The good news is that Israel is waking up to a new social agenda, brought on by the chaos of the Second Lebanon War, the corruption in our midst, and the lack of leadership. This new spring awakening for Israel is being led by women, women with whom I have worked side by side for three decades, women who remind me every day why the work we do is so important.
Ultra-Orthodox women such as author Naomi Ragen are standing up and saying "No," refusing to sit in the back of gender-segregated buses. Bedouin women are saying "No," refusing to tolerate rape and sexual
harassment. Israeli Arab women are challenging their religious and political leaders on their silence on the issue of honor killings. Secular women are challenging the monopoly of the Orthodox and revisiting the ancient scriptures with a modern outlook. Orthodox women are challenging the rabbinical courts and their stranglehold on women's rights.
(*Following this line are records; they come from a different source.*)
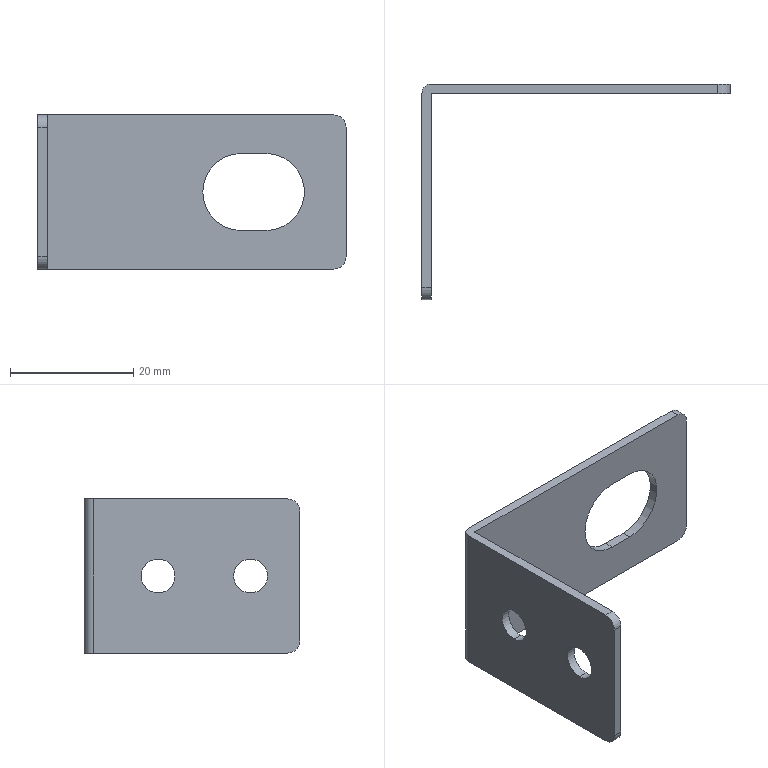Component | SolidWorks | SensorFixingBlock-1 | 1 solid | 22 faces | box 50 x 35 x 25 mm | volume 2784 mm3 | cylinder 12 | plane 10 | commonest cylinder face diameters 5.5 x4 4 x4 12.5 x3 3 x1 | material Plain Carbon Steel
build123d program:
from build123d import *

# Parameters (mm, degrees)
EXTRUDE_THIN1_DEPTH = 12.5
FILLET1_R           = 1.5
FILLET2_R           = 2
CUT_EXTRUDE1_DEPTH  = 63.3
SKETCH3_R           = 2.75
CUT_EXTRUDE2_DEPTH  = 63.3


with BuildPart() as part:
    # Sketch1 → Extrude-Thin1 (new, symmetric)
    with BuildSketch(Plane.XY):
        Polygon((0, 50), (0, 0), (35, 0), (35, 1.5), (1.5, 1.5), (1.5, 50), align=None)
    extrude(amount=EXTRUDE_THIN1_DEPTH, both=True)

    # Fillet1
    fillet1_edges = [part.edges().sort_by_distance(p)[0] for p in [
        (0, 0, 0),
    ]]
    fillet(fillet1_edges, radius=FILLET1_R)

    # Fillet2
    fillet2_edges = [part.edges().sort_by_distance(p)[0] for p in [
        (0.75, 50, 12.5),
        (0.75, 50, -12.5),
        (35, 0.75, -12.5),
        (35, 0.75, 12.5),
    ]]
    fillet(fillet2_edges, radius=FILLET2_R)

    # Sketch2 → Cut-Extrude1 (cut, through all)
    with BuildSketch(Plane.ZY):
        with BuildLine():
            Line((-6.25, 33), (-6.25, 37))
            ThreePointArc((-6.25, 37), (0, 43.25), (6.25, 37))
            Line((6.25, 37), (6.25, 33))
            ThreePointArc((6.25, 33), (0, 26.75), (-6.25, 33))
        make_face()
    extrude(amount=-CUT_EXTRUDE1_DEPTH, mode=Mode.SUBTRACT)

    # Sketch3 → Cut-Extrude2 (cut, through all)
    with BuildSketch(Plane.XZ):
        with Locations(Location((12, 0, 0), (0, 0, 270))):
            Circle(SKETCH3_R)
        with Locations(Location((27, 0, 0), (0, 0, 270))):
            Circle(SKETCH3_R)
    extrude(amount=-CUT_EXTRUDE2_DEPTH, mode=Mode.SUBTRACT)


solid = part.part

# Placed as in the assembly
solid = solid.moved(Location((-129.666, 17.264, 37), (0, 0, -90)))
STEP:
#1=COLOUR_RGB('',0.7922,0.8196,0.9333);
#2=FILL_AREA_STYLE_COLOUR('',#1);
#3=FILL_AREA_STYLE('',(#2));
#4=SURFACE_STYLE_FILL_AREA(#3);
#5=SURFACE_SIDE_STYLE('',(#4));
#6=SURFACE_STYLE_USAGE(.BOTH.,#5);
#7=PRESENTATION_STYLE_ASSIGNMENT((#6));
#8=CARTESIAN_POINT('',(-5.046,-0.3833,1.348));
#9=VERTEX_POINT('',#8);
#10=CARTESIAN_POINT('',(-5.046,-0.3833,1.565));
#11=VERTEX_POINT('',#10);
#12=CARTESIAN_POINT('',(-5.046,-0.3833,1.457));
#13=DIRECTION('',(1.,-0.,0.));
#14=DIRECTION('',(0.,0.,1.));
#15=AXIS2_PLACEMENT_3D('',#12,#13,#14);
#16=CIRCLE('',#15,0.1083);
#17=EDGE_CURVE('',#9,#11,#16,.T.);
#18=ORIENTED_EDGE('',*,*,#17,.T.);
#19=CARTESIAN_POINT('',(-5.105,-0.3833,1.565));
#20=VERTEX_POINT('',#19);
#21=CARTESIAN_POINT('',(-3.136,-0.3833,1.565));
#22=DIRECTION('',(-1.,0.,0.));
#23=VECTOR('',#22,39.37);
#24=LINE('',#21,#23);
#25=EDGE_CURVE('',#11,#20,#24,.T.);
#26=ORIENTED_EDGE('',*,*,#25,.T.);
#27=CARTESIAN_POINT('',(-5.105,-0.3833,1.348));
#28=VERTEX_POINT('',#27);
#29=CARTESIAN_POINT('',(-5.105,-0.3833,1.457));
#30=DIRECTION('',(-1.,0.,0.));
#31=DIRECTION('',(0.,0.,-1.));
#32=AXIS2_PLACEMENT_3D('',#29,#30,#31);
#33=CIRCLE('',#32,0.1083);
#34=EDGE_CURVE('',#20,#28,#33,.T.);
#35=ORIENTED_EDGE('',*,*,#34,.T.);
#36=CARTESIAN_POINT('',(-3.136,-0.3833,1.348));
#37=DIRECTION('',(-1.,0.,0.));
#38=VECTOR('',#37,39.37);
#39=LINE('',#36,#38);
#40=EDGE_CURVE('',#9,#28,#39,.T.);
#41=ORIENTED_EDGE('',*,*,#40,.F.);
#42=EDGE_LOOP('',(#18,#26,#35,#41));
#43=FACE_OUTER_BOUND('',#42,.T.);
#44=CARTESIAN_POINT('',(-3.136,-0.3833,1.457));
#45=DIRECTION('',(-1.,0.,0.));
#46=DIRECTION('',(0.,0.,-1.));
#47=AXIS2_PLACEMENT_3D('',#44,#45,#46);
#48=CYLINDRICAL_SURFACE('',#47,0.1083);
#49=ADVANCED_FACE('',(#43),#48,.F.);
#50=CARTESIAN_POINT('',(-5.046,0.2072,1.348));
#51=VERTEX_POINT('',#50);
#52=CARTESIAN_POINT('',(-5.046,0.2072,1.565));
#53=VERTEX_POINT('',#52);
#54=CARTESIAN_POINT('',(-5.046,0.2072,1.457));
#55=DIRECTION('',(1.,-0.,0.));
#56=DIRECTION('',(0.,0.,1.));
#57=AXIS2_PLACEMENT_3D('',#54,#55,#56);
#58=CIRCLE('',#57,0.1083);
#59=EDGE_CURVE('',#51,#53,#58,.T.);
#60=ORIENTED_EDGE('',*,*,#59,.T.);
#61=CARTESIAN_POINT('',(-5.105,0.2072,1.565));
#62=VERTEX_POINT('',#61);
#63=CARTESIAN_POINT('',(-3.136,0.2072,1.565));
#64=DIRECTION('',(-1.,0.,0.));
#65=VECTOR('',#64,39.37);
#66=LINE('',#63,#65);
#67=EDGE_CURVE('',#53,#62,#66,.T.);
#68=ORIENTED_EDGE('',*,*,#67,.T.);
#69=CARTESIAN_POINT('',(-5.105,0.2072,1.348));
#70=VERTEX_POINT('',#69);
#71=CARTESIAN_POINT('',(-5.105,0.2072,1.457));
#72=DIRECTION('',(-1.,0.,0.));
#73=DIRECTION('',(0.,0.,-1.));
#74=AXIS2_PLACEMENT_3D('',#71,#72,#73);
#75=CIRCLE('',#74,0.1083);
#76=EDGE_CURVE('',#62,#70,#75,.T.);
#77=ORIENTED_EDGE('',*,*,#76,.T.);
#78=CARTESIAN_POINT('',(-3.136,0.2072,1.348));
#79=DIRECTION('',(-1.,0.,0.));
#80=VECTOR('',#79,39.37);
#81=LINE('',#78,#80);
#82=EDGE_CURVE('',#51,#70,#81,.T.);
#83=ORIENTED_EDGE('',*,*,#82,.F.);
#84=EDGE_LOOP('',(#60,#68,#77,#83));
#85=FACE_OUTER_BOUND('',#84,.T.);
#86=CARTESIAN_POINT('',(-3.136,0.2072,1.457));
#87=DIRECTION('',(-1.,0.,0.));
#88=DIRECTION('',(0.,0.,-1.));
#89=AXIS2_PLACEMENT_3D('',#86,#87,#88);
#90=CYLINDRICAL_SURFACE('',#89,0.1083);
#91=ADVANCED_FACE('',(#85),#90,.F.);
#92=CARTESIAN_POINT('',(-3.806,0.6206,1.703));
#93=VERTEX_POINT('',#92);
#94=CARTESIAN_POINT('',(-4.052,0.6206,1.457));
#95=VERTEX_POINT('',#94);
#96=CARTESIAN_POINT('',(-3.806,0.6206,1.457));
#97=DIRECTION('',(-0.,-1.,0.));
#98=DIRECTION('',(1.,0.,0.));
#99=AXIS2_PLACEMENT_3D('',#96,#97,#98);
#100=CIRCLE('',#99,0.2461);
#101=EDGE_CURVE('',#93,#95,#100,.T.);
#102=ORIENTED_EDGE('',*,*,#101,.T.);
#103=CARTESIAN_POINT('',(-4.052,0.6797,1.457));
#104=VERTEX_POINT('',#103);
#105=CARTESIAN_POINT('',(-4.052,-0.6983,1.457));
#106=DIRECTION('',(0.,1.,0.));
#107=VECTOR('',#106,39.37);
#108=LINE('',#105,#107);
#109=EDGE_CURVE('',#95,#104,#108,.T.);
#110=ORIENTED_EDGE('',*,*,#109,.T.);
#111=CARTESIAN_POINT('',(-3.806,0.6797,1.703));
#112=VERTEX_POINT('',#111);
#113=CARTESIAN_POINT('',(-3.806,0.6797,1.457));
#114=DIRECTION('',(0.,1.,0.));
#115=DIRECTION('',(-1.,0.,0.));
#116=AXIS2_PLACEMENT_3D('',#113,#114,#115);
#117=CIRCLE('',#116,0.2461);
#118=EDGE_CURVE('',#104,#112,#117,.T.);
#119=ORIENTED_EDGE('',*,*,#118,.T.);
#120=CARTESIAN_POINT('',(-3.806,-0.6983,1.703));
#121=DIRECTION('',(0.,1.,0.));
#122=VECTOR('',#121,39.37);
#123=LINE('',#120,#122);
#124=EDGE_CURVE('',#93,#112,#123,.T.);
#125=ORIENTED_EDGE('',*,*,#124,.F.);
#126=EDGE_LOOP('',(#102,#110,#119,#125));
#127=FACE_OUTER_BOUND('',#126,.T.);
#128=CARTESIAN_POINT('',(-3.806,-0.6983,1.457));
#129=DIRECTION('',(0.,1.,0.));
#130=DIRECTION('',(-1.,0.,0.));
#131=AXIS2_PLACEMENT_3D('',#128,#129,#130);
#132=CYLINDRICAL_SURFACE('',#131,0.2461);
#133=ADVANCED_FACE('',(#127),#132,.F.);
#134=CARTESIAN_POINT('',(-5.105,-0.3833,1.457));
#135=DIRECTION('',(-1.,0.,0.));
#136=DIRECTION('',(0.,0.,-1.));
#137=AXIS2_PLACEMENT_3D('',#134,#135,#136);
#138=CIRCLE('',#137,0.1083);
#139=EDGE_CURVE('',#28,#20,#138,.T.);
#140=ORIENTED_EDGE('',*,*,#139,.F.);
#141=ORIENTED_EDGE('',*,*,#34,.F.);
#142=EDGE_LOOP('',(#140,#141));
#143=FACE_BOUND('',#142,.T.);
#144=CARTESIAN_POINT('',(-5.105,0.2072,1.457));
#145=DIRECTION('',(-1.,0.,0.));
#146=DIRECTION('',(0.,0.,-1.));
#147=AXIS2_PLACEMENT_3D('',#144,#145,#146);
#148=CIRCLE('',#147,0.1083);
#149=EDGE_CURVE('',#70,#62,#148,.T.);
#150=ORIENTED_EDGE('',*,*,#149,.F.);
#151=ORIENTED_EDGE('',*,*,#76,.F.);
#152=EDGE_LOOP('',(#150,#151));
#153=FACE_BOUND('',#152,.T.);
#154=CARTESIAN_POINT('',(-5.105,0.6206,0.9646));
#155=VERTEX_POINT('',#154);
#156=CARTESIAN_POINT('',(-5.105,-0.6195,0.9646));
#157=VERTEX_POINT('',#156);
#158=CARTESIAN_POINT('',(-5.105,0.6797,0.9646));
#159=DIRECTION('',(-0.,-1.,0.));
#160=VECTOR('',#159,39.37);
#161=LINE('',#158,#160);
#162=EDGE_CURVE('',#155,#157,#161,.T.);
#163=ORIENTED_EDGE('',*,*,#162,.T.);
#164=CARTESIAN_POINT('',(-5.105,-0.6983,1.043));
#165=VERTEX_POINT('',#164);
#166=CARTESIAN_POINT('',(-5.105,-0.6195,1.043));
#167=DIRECTION('',(-1.,0.,0.));
#168=DIRECTION('',(0.,0.,1.));
#169=AXIS2_PLACEMENT_3D('',#166,#167,#168);
#170=CIRCLE('',#169,0.07874);
#171=EDGE_CURVE('',#157,#165,#170,.T.);
#172=ORIENTED_EDGE('',*,*,#171,.T.);
#173=CARTESIAN_POINT('',(-5.105,-0.6983,1.87));
#174=VERTEX_POINT('',#173);
#175=CARTESIAN_POINT('',(-5.105,-0.6983,1.949));
#176=DIRECTION('',(0.,0.,-1.));
#177=VECTOR('',#176,39.37);
#178=LINE('',#175,#177);
#179=EDGE_CURVE('',#174,#165,#178,.T.);
#180=ORIENTED_EDGE('',*,*,#179,.F.);
#181=CARTESIAN_POINT('',(-5.105,-0.6195,1.949));
#182=VERTEX_POINT('',#181);
#183=CARTESIAN_POINT('',(-5.105,-0.6195,1.87));
#184=DIRECTION('',(-1.,0.,0.));
#185=DIRECTION('',(0.,0.,1.));
#186=AXIS2_PLACEMENT_3D('',#183,#184,#185);
#187=CIRCLE('',#186,0.07874);
#188=EDGE_CURVE('',#174,#182,#187,.T.);
#189=ORIENTED_EDGE('',*,*,#188,.T.);
#190=CARTESIAN_POINT('',(-5.105,0.6206,1.949));
#191=VERTEX_POINT('',#190);
#192=CARTESIAN_POINT('',(-5.105,0.6797,1.949));
#193=DIRECTION('',(-0.,-1.,0.));
#194=VECTOR('',#193,39.37);
#195=LINE('',#192,#194);
#196=EDGE_CURVE('',#191,#182,#195,.T.);
#197=ORIENTED_EDGE('',*,*,#196,.F.);
#198=CARTESIAN_POINT('',(-5.105,0.6206,1.949));
#199=DIRECTION('',(0.,0.,-1.));
#200=VECTOR('',#199,39.37);
#201=LINE('',#198,#200);
#202=EDGE_CURVE('',#191,#155,#201,.T.);
#203=ORIENTED_EDGE('',*,*,#202,.T.);
#204=EDGE_LOOP('',(#163,#172,#180,#189,#197,#203));
#205=FACE_OUTER_BOUND('',#204,.T.);
#206=CARTESIAN_POINT('',(-5.105,0.6797,1.949));
#207=DIRECTION('',(1.,-0.,0.));
#208=DIRECTION('',(0.,0.,1.));
#209=AXIS2_PLACEMENT_3D('',#206,#207,#208);
#210=PLANE('',#209);
#211=ADVANCED_FACE('',(#143,#153,#205),#210,.F.);
#212=ORIENTED_EDGE('',*,*,#179,.T.);
#213=CARTESIAN_POINT('',(-5.046,-0.6983,1.043));
#214=VERTEX_POINT('',#213);
#215=CARTESIAN_POINT('',(-5.046,-0.6983,1.043));
#216=DIRECTION('',(1.,-0.,0.));
#217=VECTOR('',#216,39.37);
#218=LINE('',#215,#217);
#219=EDGE_CURVE('',#165,#214,#218,.T.);
#220=ORIENTED_EDGE('',*,*,#219,.T.);
#221=CARTESIAN_POINT('',(-5.046,-0.6983,1.87));
#222=VERTEX_POINT('',#221);
#223=CARTESIAN_POINT('',(-5.046,-0.6983,1.949));
#224=DIRECTION('',(0.,0.,-1.));
#225=VECTOR('',#224,39.37);
#226=LINE('',#223,#225);
#227=EDGE_CURVE('',#222,#214,#226,.T.);
#228=ORIENTED_EDGE('',*,*,#227,.F.);
#229=CARTESIAN_POINT('',(-5.105,-0.6983,1.87));
#230=DIRECTION('',(-1.,0.,0.));
#231=VECTOR('',#230,39.37);
#232=LINE('',#229,#231);
#233=EDGE_CURVE('',#222,#174,#232,.T.);
#234=ORIENTED_EDGE('',*,*,#233,.T.);
#235=EDGE_LOOP('',(#212,#220,#228,#234));
#236=FACE_OUTER_BOUND('',#235,.T.);
#237=CARTESIAN_POINT('',(-5.046,-0.6983,1.949));
#238=DIRECTION('',(-0.,-1.,0.));
#239=DIRECTION('',(0.,0.,-1.));
#240=AXIS2_PLACEMENT_3D('',#237,#238,#239);
#241=PLANE('',#240);
#242=ADVANCED_FACE('',(#236),#241,.T.);
#243=ORIENTED_EDGE('',*,*,#17,.F.);
#244=CARTESIAN_POINT('',(-5.046,-0.3833,1.457));
#245=DIRECTION('',(1.,-0.,0.));
#246=DIRECTION('',(0.,0.,1.));
#247=AXIS2_PLACEMENT_3D('',#244,#245,#246);
#248=CIRCLE('',#247,0.1083);
#249=EDGE_CURVE('',#11,#9,#248,.T.);
#250=ORIENTED_EDGE('',*,*,#249,.F.);
#251=EDGE_LOOP('',(#243,#250));
#252=FACE_BOUND('',#251,.T.);
#253=ORIENTED_EDGE('',*,*,#59,.F.);
#254=CARTESIAN_POINT('',(-5.046,0.2072,1.457));
#255=DIRECTION('',(1.,-0.,0.));
#256=DIRECTION('',(0.,0.,1.));
#257=AXIS2_PLACEMENT_3D('',#254,#255,#256);
#258=CIRCLE('',#257,0.1083);
#259=EDGE_CURVE('',#53,#51,#258,.T.);
#260=ORIENTED_EDGE('',*,*,#259,.F.);
#261=EDGE_LOOP('',(#253,#260));
#262=FACE_BOUND('',#261,.T.);
#263=ORIENTED_EDGE('',*,*,#227,.T.);
#264=CARTESIAN_POINT('',(-5.046,-0.6195,0.9646));
#265=VERTEX_POINT('',#264);
#266=CARTESIAN_POINT('',(-5.046,-0.6195,1.043));
#267=DIRECTION('',(1.,-0.,0.));
#268=DIRECTION('',(0.,0.,1.));
#269=AXIS2_PLACEMENT_3D('',#266,#267,#268);
#270=CIRCLE('',#269,0.07874);
#271=EDGE_CURVE('',#214,#265,#270,.T.);
#272=ORIENTED_EDGE('',*,*,#271,.T.);
#273=CARTESIAN_POINT('',(-5.046,0.6206,0.9646));
#274=VERTEX_POINT('',#273);
#275=CARTESIAN_POINT('',(-5.046,0.6797,0.9646));
#276=DIRECTION('',(-0.,-1.,0.));
#277=VECTOR('',#276,39.37);
#278=LINE('',#275,#277);
#279=EDGE_CURVE('',#274,#265,#278,.T.);
#280=ORIENTED_EDGE('',*,*,#279,.F.);
#281=CARTESIAN_POINT('',(-5.046,0.6206,1.949));
#282=VERTEX_POINT('',#281);
#283=CARTESIAN_POINT('',(-5.046,0.6206,1.949));
#284=DIRECTION('',(0.,0.,-1.));
#285=VECTOR('',#284,39.37);
#286=LINE('',#283,#285);
#287=EDGE_CURVE('',#282,#274,#286,.T.);
#288=ORIENTED_EDGE('',*,*,#287,.F.);
#289=CARTESIAN_POINT('',(-5.046,-0.6195,1.949));
#290=VERTEX_POINT('',#289);
#291=CARTESIAN_POINT('',(-5.046,0.6797,1.949));
#292=DIRECTION('',(-0.,-1.,0.));
#293=VECTOR('',#292,39.37);
#294=LINE('',#291,#293);
#295=EDGE_CURVE('',#282,#290,#294,.T.);
#296=ORIENTED_EDGE('',*,*,#295,.T.);
#297=CARTESIAN_POINT('',(-5.046,-0.6195,1.87));
#298=DIRECTION('',(1.,-0.,0.));
#299=DIRECTION('',(0.,0.,1.));
#300=AXIS2_PLACEMENT_3D('',#297,#298,#299);
#301=CIRCLE('',#300,0.07874);
#302=EDGE_CURVE('',#290,#222,#301,.T.);
#303=ORIENTED_EDGE('',*,*,#302,.T.);
#304=EDGE_LOOP('',(#263,#272,#280,#288,#296,#303));
#305=FACE_OUTER_BOUND('',#304,.T.);
#306=CARTESIAN_POINT('',(-5.046,0.6797,1.949));
#307=DIRECTION('',(1.,-0.,0.));
#308=DIRECTION('',(0.,0.,1.));
#309=AXIS2_PLACEMENT_3D('',#306,#307,#308);
#310=PLANE('',#309);
#311=ADVANCED_FACE('',(#252,#262,#305),#310,.T.);
#312=ORIENTED_EDGE('',*,*,#101,.F.);
#313=CARTESIAN_POINT('',(-3.648,0.6206,1.703));
#314=VERTEX_POINT('',#313);
#315=CARTESIAN_POINT('',(-3.136,0.6206,1.703));
#316=DIRECTION('',(-1.,0.,0.));
#317=VECTOR('',#316,39.37);
#318=LINE('',#315,#317);
#319=EDGE_CURVE('',#314,#93,#318,.T.);
#320=ORIENTED_EDGE('',*,*,#319,.F.);
#321=CARTESIAN_POINT('',(-3.648,0.6206,1.211));
#322=VERTEX_POINT('',#321);
#323=CARTESIAN_POINT('',(-3.648,0.6206,1.457));
#324=DIRECTION('',(-0.,-1.,0.));
#325=DIRECTION('',(1.,0.,0.));
#326=AXIS2_PLACEMENT_3D('',#323,#324,#325);
#327=CIRCLE('',#326,0.2461);
#328=EDGE_CURVE('',#322,#314,#327,.T.);
#329=ORIENTED_EDGE('',*,*,#328,.F.);
#330=CARTESIAN_POINT('',(-3.806,0.6206,1.211));
#331=VERTEX_POINT('',#330);
#332=CARTESIAN_POINT('',(-3.136,0.6206,1.211));
#333=DIRECTION('',(1.,-0.,-0.));
#334=VECTOR('',#333,39.37);
#335=LINE('',#332,#334);
#336=EDGE_CURVE('',#331,#322,#335,.T.);
#337=ORIENTED_EDGE('',*,*,#336,.F.);
#338=CARTESIAN_POINT('',(-3.806,0.6206,1.457));
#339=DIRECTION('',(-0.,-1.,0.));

It is women like these, women who bravely stand up for what they know to be true, who are transforming Israel. Women of every stripe who are bravely speaking out, women who are bringing issues to the forefront of public debate in Israel — the plight of agunot ("chained women" whose husbands refuse to grant them a religious divorce), human trafficking, gender segregation on buses, poverty, and child care.
An Israeli saying comes to mind: If we cannot be a light unto the nations, for Heaven’s sake, let us not be a source of darkness to our own people. Is there more sexual misconduct, domestic violence, and abuse of power in Israel today than ever before? No. What has changed is the public's reaction to it, the public is no longer willing to overlook these flaws, and women have helped usher this change along — as activists, and increasingly as legislators.
But we have so much more to do. The truth is that Israel still needs to make many serious legal changes, particularly to the laws governing personal status issues, like divorce and marriage, which affect the everyday lives of millions of Israeli women. To create reform, though, we need legislators who care about these issues. Israel needs its women — those in the women's movements and in political office. Together, we have the privilege and the responsibility to be the moral watchdogs of Israeli society. And despite the violence and everyday
absurdities of Israeli life, I look forward to my next 30 years here — because already I can feel the impact we are having.
At 60, Israel's battle with survival is not so much a physical one but an existential one: Who are we, what are we, and what do we want to be? What do we want our children to be? To me, statehood means
children who play games not fight wars, women who are content and self-fulfilled, and a society that honors the rights of all.
Shari Eshet is the director of NCJW's Israel office.